I hate that everything triggers me
I am very mentally ill. From march-july I had rarely left my bed at all and dove headfirst into anything that could distract me/give me dopamine (weed edibles, c.ai, anime, junk food, music) I basically lost all sense of myself and I didn't even notice for so long until I began trying to break all those habits and I started having bad panic attacks.
It's been a few months since then and I have MDD, DPDR and my OCD has flaired up severely. I have been taking Trintellix for a little over 3 months now and I see a therapist every second week.
I'm slowly making progress. I just hate how easily I get triggered... For example my dad smokes weed occasionally and when I smell it it makes me ruminate on when I used to use it and I feel dizzy and anxious.
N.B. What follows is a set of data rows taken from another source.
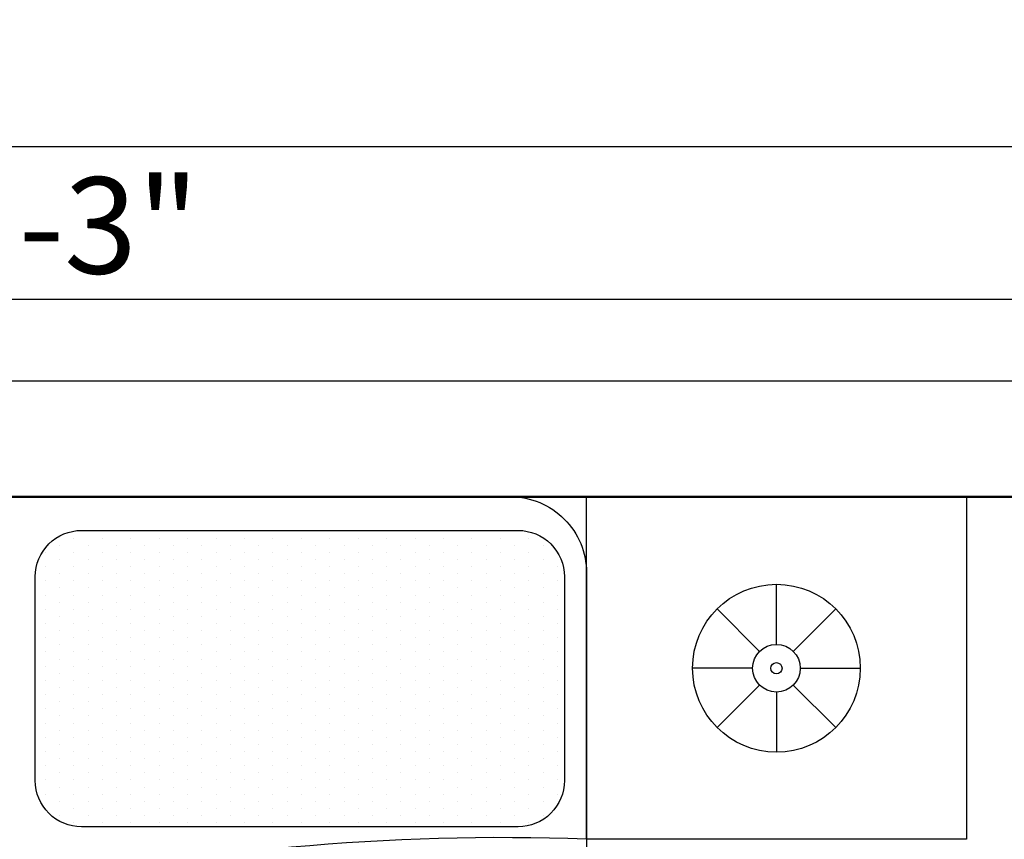
# Model space of a CAD drawing. Units: inches. Extents: x 3064 to 19385, y 846 to 15425.
# Tile 63 of 108: x 6281 to 6332, y 1964 to 2007. Entities that reach past the tile are written whole.
import ezdxf

# ---------------------------------------------------------------- set-up
doc = ezdxf.new("R2010")
doc.units = ezdxf.units.IN
for name, color, linetype, lineweight in [('A-ANNO-DIMS', 2, 'Continuous', 18), ('A-FLOR-FIXT', 9, 'Continuous', 18), ('A-WALL', 7, 'Continuous', 50), ('C-PROP', 6, 'Continuous', 25)]:
    doc.layers.add(name, color=color, linetype=linetype, lineweight=lineweight)
doc.layers.add('BLOCK', color=6, linetype='Continuous')
doc.styles.get("Standard").update_dxf_attribs({"font": 'arial.ttf'})
doc.dimstyles.new('ISO-25', dxfattribs={"dimtxt": 9, "dimasz": 2.5, "dimexe": 1.25, "dimexo": 0.625, "dimtad": 1, "dimdec": 1, "dimlunit": 3, "dimtxsty": 'Standard', "dimcen": 2.5, "dimadec": 0, "dimazin": 0, "dimtfac": 1, "dimtdec": 1, "dimtmove": 0, "dimatfit": 3, "dimfxl": 1, "dimarcsym": 0})

# ---------------------------------------------------------------- blocks, each defined once
blk = doc.blocks.new('*X7')
at = {"color": 0}
for p, q in [((273.75, 456.9375), (273.75, 456.9375)), ((273.9375, 457.03125), (273.9375, 457.03125)), ((274.125, 456.9375), (274.125, 456.9375)), ((274.3125, 457.03125), (274.3125, 457.03125)), ((274.5, 456.9375), (274.5, 456.9375)), ((274.6875, 457.03125), (274.6875, 457.03125)), ((274.875, 456.9375), (274.875, 456.9375)), ((275.0625, 457.03125), (275.0625, 457.03125)), ((275.25, 456.9375), (275.25, 456.9375)), ((275.4375, 457.03125), (275.4375, 457.03125)), ((275.625, 456.9375), (275.625, 456.9375)), ((275.8125, 457.03125), (275.8125, 457.03125)), ((276, 456.9375), (276, 456.9375)), ((276.1875, 457.03125), (276.1875, 457.03125)), ((276.375, 456.9375), (276.375, 456.9375)), ((276.5625, 457.03125), (276.5625, 457.03125)), ((276.75, 456.9375), (276.75, 456.9375)), ((276.9375, 457.03125), (276.9375, 457.03125)), ((277.125, 456.9375), (277.125, 456.9375)), ((277.3125, 457.03125), (277.3125, 457.03125)), ((277.5, 456.9375), (277.5, 456.9375)), ((277.6875, 457.03125), (277.6875, 457.03125)), ((277.875, 456.9375), (277.875, 456.9375)), ((278.0625, 457.03125), (278.0625, 457.03125)), ((278.25, 456.9375), (278.25, 456.9375)), ((278.4375, 457.03125), (278.4375, 457.03125)), ((278.625, 456.9375), (278.625, 456.9375)), ((278.8125, 457.03125), (278.8125, 457.03125)), ((279, 456.9375), (279, 456.9375)), ((279.1875, 457.03125), (279.1875, 457.03125)), ((279.375, 456.9375), (279.375, 456.9375)), ((279.5625, 457.03125), (279.5625, 457.03125)), ((279.75, 456.9375), (279.75, 456.9375)), ((273.5625, 456.84375), (273.5625, 456.84375)), ((273.9375, 456.84375), (273.9375, 456.84375)), ((274.3125, 456.84375), (274.3125, 456.84375)), ((274.6875, 456.84375), (274.6875, 456.84375)), ((275.0625, 456.84375), (275.0625, 456.84375)), ((275.4375, 456.84375), (275.4375, 456.84375)), ((275.8125, 456.84375), (275.8125, 456.84375)), ((276.1875, 456.84375), (276.1875, 456.84375)), ((276.5625, 456.84375), (276.5625, 456.84375)), ((276.9375, 456.84375), (276.9375, 456.84375)), ((277.3125, 456.84375), (277.3125, 456.84375)), ((277.6875, 456.84375), (277.6875, 456.84375)), ((278.0625, 456.84375), (278.0625, 456.84375)), ((278.4375, 456.84375), (278.4375, 456.84375)), ((278.8125, 456.84375), (278.8125, 456.84375)), ((279.1875, 456.84375), (279.1875, 456.84375)), ((279.5625, 456.84375), (279.5625, 456.84375)), ((279.9375, 456.84375), (279.9375, 456.84375)), ((273.375, 456.75), (273.375, 456.75)), ((273.5625, 456.65625), (273.5625, 456.65625)), ((273.75, 456.75), (273.75, 456.75)), ((273.9375, 456.65625), (273.9375, 456.65625)), ((274.125, 456.75), (274.125, 456.75)), ((274.3125, 456.65625), (274.3125, 456.65625)), ((274.5, 456.75), (274.5, 456.75)), ((274.6875, 456.65625), (274.6875, 456.65625)), ((274.875, 456.75), (274.875, 456.75)), ((275.0625, 456.65625), (275.0625, 456.65625)), ((275.25, 456.75), (275.25, 456.75)), ((275.4375, 456.65625), (275.4375, 456.65625)), ((275.625, 456.75), (275.625, 456.75)), ((275.8125, 456.65625), (275.8125, 456.65625)), ((276, 456.75), (276, 456.75)), ((276.1875, 456.65625), (276.1875, 456.65625)), ((276.375, 456.75), (276.375, 456.75)), ((276.5625, 456.65625), (276.5625, 456.65625)), ((276.75, 456.75), (276.75, 456.75)), ((276.9375, 456.65625), (276.9375, 456.65625)), ((277.125, 456.75), (277.125, 456.75)), ((277.3125, 456.65625), (277.3125, 456.65625)), ((277.5, 456.75), (277.5, 456.75)), ((277.6875, 456.65625), (277.6875, 456.65625)), ((277.875, 456.75), (277.875, 456.75)), ((278.0625, 456.65625), (278.0625, 456.65625)), ((278.25, 456.75), (278.25, 456.75)), ((278.4375, 456.65625), (278.4375, 456.65625)), ((278.625, 456.75), (278.625, 456.75)), ((278.8125, 456.65625), (278.8125, 456.65625)), ((279, 456.75), (279, 456.75)), ((279.1875, 456.65625), (279.1875, 456.65625)), ((279.375, 456.75), (279.375, 456.75)), ((279.5625, 456.65625), (279.5625, 456.65625)), ((279.75, 456.75), (279.75, 456.75)), ((279.9375, 456.65625), (279.9375, 456.65625)), ((280.125, 456.75), (280.125, 456.75)), ((273.375, 456.5625), (273.375, 456.5625)), ((273.75, 456.5625), (273.75, 456.5625)), ((274.125, 456.5625), (274.125, 456.5625)), ((274.5, 456.5625), (274.5, 456.5625)), ((274.875, 456.5625), (274.875, 456.5625)), ((275.25, 456.5625), (275.25, 456.5625)), ((275.625, 456.5625), (275.625, 456.5625)), ((276, 456.5625), (276, 456.5625)), ((276.375, 456.5625), (276.375, 456.5625)), ((276.75, 456.5625), (276.75, 456.5625)), ((277.125, 456.5625), (277.125, 456.5625)), ((277.5, 456.5625), (277.5, 456.5625)), ((277.875, 456.5625), (277.875, 456.5625)), ((278.25, 456.5625), (278.25, 456.5625)), ((278.625, 456.5625), (278.625, 456.5625)), ((279, 456.5625), (279, 456.5625)), ((279.375, 456.5625), (279.375, 456.5625)), ((279.75, 456.5625), (279.75, 456.5625)), ((280.125, 456.5625), (280.125, 456.5625)), ((273.5625, 456.46875), (273.5625, 456.46875)), ((273.9375, 456.46875), (273.9375, 456.46875)), ((274.3125, 456.46875), (274.3125, 456.46875)), ((274.6875, 456.46875), (274.6875, 456.46875)), ((275.0625, 456.46875), (275.0625, 456.46875)), ((275.4375, 456.46875), (275.4375, 456.46875)), ((275.8125, 456.46875), (275.8125, 456.46875)), ((276.1875, 456.46875), (276.1875, 456.46875)), ((276.5625, 456.46875), (276.5625, 456.46875)), ((276.9375, 456.46875), (276.9375, 456.46875)), ((277.3125, 456.46875), (277.3125, 456.46875)), ((277.6875, 456.46875), (277.6875, 456.46875)), ((278.0625, 456.46875), (278.0625, 456.46875)), ((278.4375, 456.46875), (278.4375, 456.46875)), ((278.8125, 456.46875), (278.8125, 456.46875)), ((279.1875, 456.46875), (279.1875, 456.46875)), ((279.5625, 456.46875), (279.5625, 456.46875)), ((279.9375, 456.46875), (279.9375, 456.46875)), ((273.375, 456.375), (273.375, 456.375)), ((273.5625, 456.28125), (273.5625, 456.28125)), ((273.75, 456.375), (273.75, 456.375)), ((273.9375, 456.28125), (273.9375, 456.28125)), ((274.125, 456.375), (274.125, 456.375)), ((274.3125, 456.28125), (274.3125, 456.28125)), ((274.5, 456.375), (274.5, 456.375)), ((274.6875, 456.28125), (274.6875, 456.28125)), ((274.875, 456.375), (274.875, 456.375)), ((275.0625, 456.28125), (275.0625, 456.28125)), ((275.25, 456.375), (275.25, 456.375)), ((275.4375, 456.28125), (275.4375, 456.28125)), ((275.625, 456.375), (275.625, 456.375)), ((275.8125, 456.28125), (275.8125, 456.28125)), ((276, 456.375), (276, 456.375)), ((276.1875, 456.28125), (276.1875, 456.28125)), ((276.375, 456.375), (276.375, 456.375)), ((276.5625, 456.28125), (276.5625, 456.28125)), ((276.75, 456.375), (276.75, 456.375)), ((276.9375, 456.28125), (276.9375, 456.28125)), ((277.125, 456.375), (277.125, 456.375)), ((277.3125, 456.28125), (277.3125, 456.28125)), ((277.5, 456.375), (277.5, 456.375)), ((277.6875, 456.28125), (277.6875, 456.28125)), ((277.875, 456.375), (277.875, 456.375)), ((278.0625, 456.28125), (278.0625, 456.28125)), ((278.25, 456.375), (278.25, 456.375)), ((278.4375, 456.28125), (278.4375, 456.28125)), ((278.625, 456.375), (278.625, 456.375)), ((278.8125, 456.28125), (278.8125, 456.28125)), ((279, 456.375), (279, 456.375)), ((279.1875, 456.28125), (279.1875, 456.28125)), ((279.375, 456.375), (279.375, 456.375)), ((279.5625, 456.28125), (279.5625, 456.28125)), ((279.75, 456.375), (279.75, 456.375)), ((279.9375, 456.28125), (279.9375, 456.28125)), ((280.125, 456.375), (280.125, 456.375)), ((273.375, 456.1875), (273.375, 456.1875)), ((273.75, 456.1875), (273.75, 456.1875)), ((274.125, 456.1875), (274.125, 456.1875)), ((274.5, 456.1875), (274.5, 456.1875)), ((274.875, 456.1875), (274.875, 456.1875)), ((275.25, 456.1875), (275.25, 456.1875)), ((275.625, 456.1875), (275.625, 456.1875)), ((276, 456.1875), (276, 456.1875)), ((276.375, 456.1875), (276.375, 456.1875)), ((276.75, 456.1875), (276.75, 456.1875)), ((277.125, 456.1875), (277.125, 456.1875)), ((277.5, 456.1875), (277.5, 456.1875)), ((277.875, 456.1875), (277.875, 456.1875)), ((278.25, 456.1875), (278.25, 456.1875)), ((278.625, 456.1875), (278.625, 456.1875)), ((279, 456.1875), (279, 456.1875)), ((279.375, 456.1875), (279.375, 456.1875)), ((279.75, 456.1875), (279.75, 456.1875)), ((280.125, 456.1875), (280.125, 456.1875)), ((273.375, 456), (273.375, 456)), ((273.5625, 456.09375), (273.5625, 456.09375)), ((273.75, 456), (273.75, 456)), ((273.9375, 456.09375), (273.9375, 456.09375)), ((274.125, 456), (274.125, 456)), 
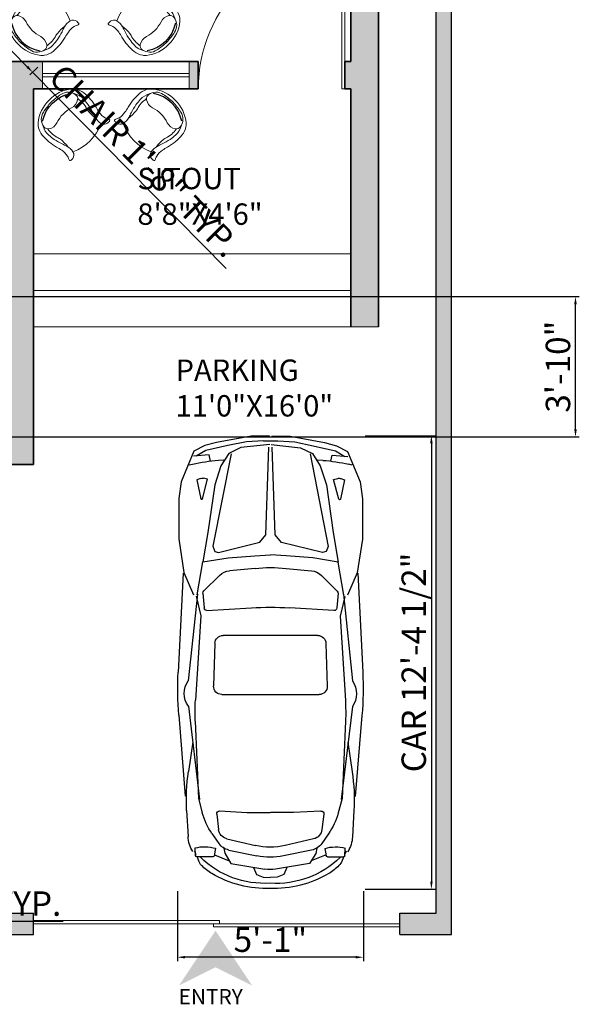
# Model space of a CAD drawing. Units: inches. Extents: x 2700 to 4052, y 1030 to 1872.
# Tile 2 of 8: x 3033 to 3217, y 1079 to 1401. Entities that reach past the tile are written whole.
import ezdxf

# ---------------------------------------------------------------- set-up
doc = ezdxf.new("R2010")
doc.units = ezdxf.units.IN
for name, color, linetype, lineweight in [('A-ANNO-DIMS', 2, 'Continuous', 13), ('A-ANNO-SYMB', 7, 'Continuous', 18), ('A-ANNO-TEXT', 7, 'Continuous', 18), ('A-AREA-IDEN', 7, 'Continuous', 18), ('A-DOOR', 4, 'Continuous', 18), ('A-FLOR-STRS', 7, 'Continuous', 18), ('A-FURN', 8, 'Continuous', 18), ('A-GLAZ', 4, 'Continuous', 18), ('A-WALL', 7, 'Continuous', 35), ('A-WALL-PATT', 7, 'Continuous', 13), ('C-PROP', 7, 'Continuous', 25), ('C-SITE-GATE', 7, 'Continuous', 18), ('C-SITE-VEHI', 8, 'Continuous', 13)]:
    doc.layers.add(name, color=color, linetype=linetype, lineweight=lineweight)
doc.layers.add('C-SITE-PATT', color=252, linetype='Continuous', lineweight=13, true_color=0x939598)
doc.layers.add('IFF-FURN-DETAIL', color=250, linetype='Continuous')
doc.layers.add('L9012X$0', color=2, linetype='Continuous')
doc.styles.get("Standard").update_dxf_attribs({"font": 'arial.ttf'})
doc.dimstyles.new('ISO-25', dxfattribs={"dimtxt": 8, "dimasz": 2.5, "dimexe": 1.25, "dimexo": 0.625, "dimtad": 1, "dimdec": 1, "dimlunit": 3, "dimtxsty": 'Standard', "dimcen": 2.5, "dimclrt": 1, "dimadec": 0, "dimazin": 0, "dimtfac": 1, "dimtdec": 1, "dimtmove": 0, "dimatfit": 3, "dimfxl": 1, "dimarcsym": 0})

# ---------------------------------------------------------------- blocks, each defined once
blk = doc.blocks.new('ILNG95')
for points in [[(120, 308, -0.32971), (51, 384, -0.036099), (50, 422, -0.497733), (75, 439, -0.070621), (96, 429, 0.101868), (133, 414, 0.091794), (259, 412, 0.024114), (351, 433, -0.090294), (638, 458, -0.132412), (775, 407, -0.068618), (816, 368, -0.184346), (943, 0, 1.803905)], [(120, 308, 0.138132), (244, 313, 0.001085), (325, 339, -0.034227), (462, 375, -0.033255), (567, 387, -0.137428), (727, 350, -4.561553)], [(120, 308, 0.138132), (244, 313, 0.001085), (325, 339, -0.034227), (462, 375, -0.033255), (567, 387, -0.137428), (727, 350, -4.561553)], [(235, 308, 0.064243), (394, 307, 0.04414), (433, 315, -0.118032), (643, 329, -6.296816)], [(235, 308, 0.064243), (394, 307, 0.04414), (433, 315, -0.118032), (643, 329, -6.296816)], [(639, 0, 0.078302), (612, 161, -0.233633), (633, 315, -0.28763), (710, 349, -0.317923), (875, 193, -0.032882), (900, 0, 1.140397)], [(639, 0, 0.078302), (612, 161, -0.233633), (633, 315, -0.28763), (710, 349, -0.317923), (875, 193, -0.032882), (900, 0, 1.140397)], [(120, -308, 0.32971), (51, -384, 0.036099), (50, -422, 0.497733), (75, -439, 0.070621), (96, -429, -0.101868), (133, -414, -0.091794), (259, -412, -0.024114), (351, -433, 0.090294), (638, -458, 0.132412), (775, -407, 0.068618), (816, -368, 0.184346), (943, 0, -1.803905)], [(639, 0, -0.078302), (612, -161, 0.233633), (633, -315, 0.28763), (710, -349, 0.317923), (875, -193, 0.032882), (900, 0, -1.140397)], [(639, 0, -0.078302), (612, -161, 0.233633), (633, -315, 0.28763), (710, -349, 0.317923), (875, -193, 0.032882), (900, 0, -1.140397)], [(120, -308, -0.138132), (244, -313, -0.001085), (325, -339, 0.034227), (462, -375, 0.033255), (567, -387, 0.137428), (727, -350, 4.561553)], [(120, -308, -0.138132), (244, -313, -0.001085), (325, -339, 0.034227), (462, -375, 0.033255), (567, -387, 0.137428), (727, -350, 4.561553)], [(235, -308, -0.064243), (394, -307, -0.04414), (433, -315, 0.118032), (643, -329, 6.296816)], [(235, -308, -0.064243), (394, -307, -0.04414), (433, -315, 0.118032), (643, -329, 6.296816)]]:
    blk.add_lwpolyline(points, format="xyb")
blk.add_arc((759, 1), 709, 154.3281, 205.801)
at = {"layer": 'IFF-FURN-DETAIL'}
blk.add_arc((326, -2), 549, 326.8997, 34.6691, dxfattribs=at)
blk.add_arc((326, -2), 549, 326.8997, 34.6691, dxfattribs=at)
blk = doc.blocks.new('A1099DC')
at = {"color": 0, "linetype": 'ByBlock'}
for p, q in [((1279.298465, 804.448389), (2201.430588, 851.890505)), ((2602.736326, 846.078152), (3356.693814, 785.353187)), ((272.228253, 749.073842), (265.114727, 718.465169)), ((1475.52921, 670.226262), (2282.402739, 758.004075)), ((2519.280414, 756.817792), (3387.476361, 653.818028)), ((2851.341839, 715.213377), (3126.60716, 755.701993)), ((3488.458929, 772.663345), (3732.658862, 759.86454)), ((139.051458, 595.027331), (190.951238, 683.213377)), ((179.200345, 564.515703), (190.951238, 709.631982)), ((398.733388, 644.315148), (411.280494, 678.748261)), ((411.280494, 678.748261), (588.616917, 641.417897)), ((1482.852352, 674.283145), (1175.286956, 622.180789)), ((1494.603245, 682.841284), (1678.210958, 641.166865)), ((1678.210958, 641.166865), (2462.684993, 690.847736)), ((2656.476214, 692.831247), (3376.704709, 662.004075)), ((3376.704709, 662.004075), (3510.708679, 626.736433)), ((3909.27561, 688.812956), (3837.725727, 693.401722)), ((3867.794139, 700.329656), (3900.059395, 686.767505)), ((3921.162781, 527.618662), (3921.162781, 676.138994)), ((3925.383812, 676.122818), (3955.306409, 663.545364)), ((92.537504, 388.14361), (139.051458, 595.027331)), ((236.043912, 551.980927), (179.200345, 564.515703)), ((405.405047, 577.538958), (396.874865, 615.894428)), ((589.014326, 626.599587), (405.405047, 577.538958)), ((1300.814287, 466.658131), (1445.712032, 613.104998)), ((1465.665584, 620.56924), (1602.893878, 610.287296)), ((1626.354615, 583.507504), (1602.652901, 169.222264)), ((229.117398, 477.634662), (225.714299, 427.957563)), ((1933.148906, 509.557888), (2330.980062, 522.200075)), ((3493.960271, 465.734554), (3507.923021, 209.166865)), ((3522.252709, 492.345257), (3666.066199, 475.644444)), ((3704.596898, 536.993674), (3795.675135, 473.385795)), ((3841.786866, 503.451367), (3910.58243, 515.096797)), ((3901.001848, 514.780764), (3957.150905, 375.772812)), ((57.774444, 216.608726), (92.537504, 388.14361)), ((1235.045743, 136.116317), (1257.419842, 373.755108)), ((1860.238743, -448.635916), (1859.369151, 433.397797)), ((2409.60024, 445.938054), (2410.49349, -460.09121)), ((3753.293176, 397.789551), (3815.226005, 132.124765)), ((3839.396146, 426.841284), (3888.358202, 417.538958)), ((3857.610793, 379.525702), (3912.067615, 118.157673)), ((3888.358202, 417.538958), (3983.199613, 359.957848)), ((3983.199613, 359.957848), (4035.448301, 43.94997)), ((49.168662, 58.00681), (57.774444, 216.608726)), ((3507.923021, 209.166865), (3507.64153, -4.333678)), ((4019.086894, 150.376168), (4084.69605, 122.469191)), ((4084.69605, 122.469191), (4109.177079, 60.329656)), ((4109.177079, 60.329656), (4113.094043, -5.158716)), ((49.301278, -76.507426), (58.219773, -235.092064)), ((3508.347273, -221.154823), (3507.644805, -7.65525)), ((3983.920268, -371.008369), (4035.545755, -54.898082)), ((4084.948231, -133.320044), (4109.306686, -71.132359)), ((4109.306686, -71.132359), (4113.094514, -5.636391)), ((1235.330373, -152.586046), (1258.173002, -390.180259)), ((3754.088875, -409.293325), (3815.497749, -143.506937)), ((3858.370276, -390.823819), (3912.311631, -129.348921)), ((4019.394229, -161.356334), (4084.948231, -133.320044)), ((58.219773, -235.092064), (93.320996, -406.558069)), ((1627.520644, -599.204785), (1603.002095, -184.967086)), ((3494.890446, -477.749545), (3508.347273, -221.154823)), ((93.320996, -406.558069), (140.24279, -613.349673)), ((230.077082, -495.779641), (226.576036, -446.109349)), ((3840.248961, -438.175225), (3889.19258, -428.776374)), ((3889.19258, -428.776374), (3983.920268, -371.008369)), ((3902.027941, -525.993061), (3957.902795, -386.874665)), ((1301.750547, -482.997536), (1446.936772, -629.158411)), ((1934.168526, -524.650381), (2332.023837, -536.508105)), ((3523.2353, -504.304409), (3667.01558, -487.320059)), ((3705.667171, -548.593196), (3796.61981, -484.805853)), ((3842.790735, -514.780444), (3911.609128, -526.290202)), ((3922.214148, -538.79118), (3922.506998, -687.311224)), ((140.24279, -613.349673), (192.316354, -701.433212)), ((237.150178, -570.112104), (180.331436, -582.758939)), ((180.331436, -582.758939), (192.368445, -727.851766)), ((406.561378, -595.336142), (398.106841, -633.708356)), ((590.267037, -644.034637), (406.561378, -595.336142)), ((1484.19765, -690.263206), (1176.530118, -638.767405)), ((1466.905004, -636.583294), (1604.112757, -626.030785)), ((3378.022114, -674.249887), (3511.956283, -638.718087)), ((400.0214, -662.125356), (412.636377, -696.533662)), ((412.636377, -696.533662), (589.898847, -658.853701)), ((1476.866524, -686.22077), (2283.911563, -772.40743)), ((1495.965396, -698.798158), (1679.490579, -656.761786)), ((1679.490579, -656.761786), (2464.061049, -704.895745)), ((2520.786439, -770.754078), (3388.777604, -666.042617)), ((2657.855804, -706.497136), (3378.022114, -674.249887)), ((2852.765183, -728.494989), (3128.109803, -768.440762)), ((3910.644841, -700.0086), (3839.104145, -704.738438)), ((3869.186159, -711.60707), (3901.424611, -697.981326)), ((3926.727989, -687.286725), (3956.625729, -674.650294)), ((273.723073, -767.133288), (266.549207, -736.538701)), ((1280.900818, -820.829563), (2203.124693, -866.453338)), ((2604.418191, -859.849707), (3358.254477, -797.638217)), ((3489.994314, -784.688586), (3734.168535, -771.408296))]:
    blk.add_line(p, q, dxfattribs=at)
for points in [[(-0.000783, 0.794772), (5.385043, 172.701749), (63.649891, 493.818028), (92.537504, 603.957563), (144.437284, 705.166865), (428.417214, 824.236633), (585.095796, 846.190121), (961.406447, 846.190121), (1274.27399, 797.818028), (1482.852352, 709.631982)], [(83.345007, -3.206171), (111.32237, 268.957533), (164.563706, 379.583828), (279.999271, 453.709838), (456.549665, 511.628518), (901.254996, 574.918954), (1175.286956, 622.180789), (1137.52997, 385.548359), (1118.345181, 137.317882), (1109.829198, -8.358455)], [(168.178729, 359.003083), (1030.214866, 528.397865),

Sometimes I think of characters I would talk to on c.ai and that also causes feelings of shame and unease. I can't listen to rap music anymore because that is primarly what I listened to when I was in a rut.
I just don't know how to navigate this. My therapist explained that it's like if someone smells lavender before getting hit by a car, they will associate lavender with that incident. Basically my brain is doing that with all these things. I know some of these things were definitely horrible for my mental well being (the weed and c.ai) so I don't wanna be around it again but I wish just hearing about it or seeing it wouldn't bother me so much.
Long story short, I just want to reach out to see if anyone has had a similar experience? And if so is there anyway to just overcome it with time? Thanks for reading.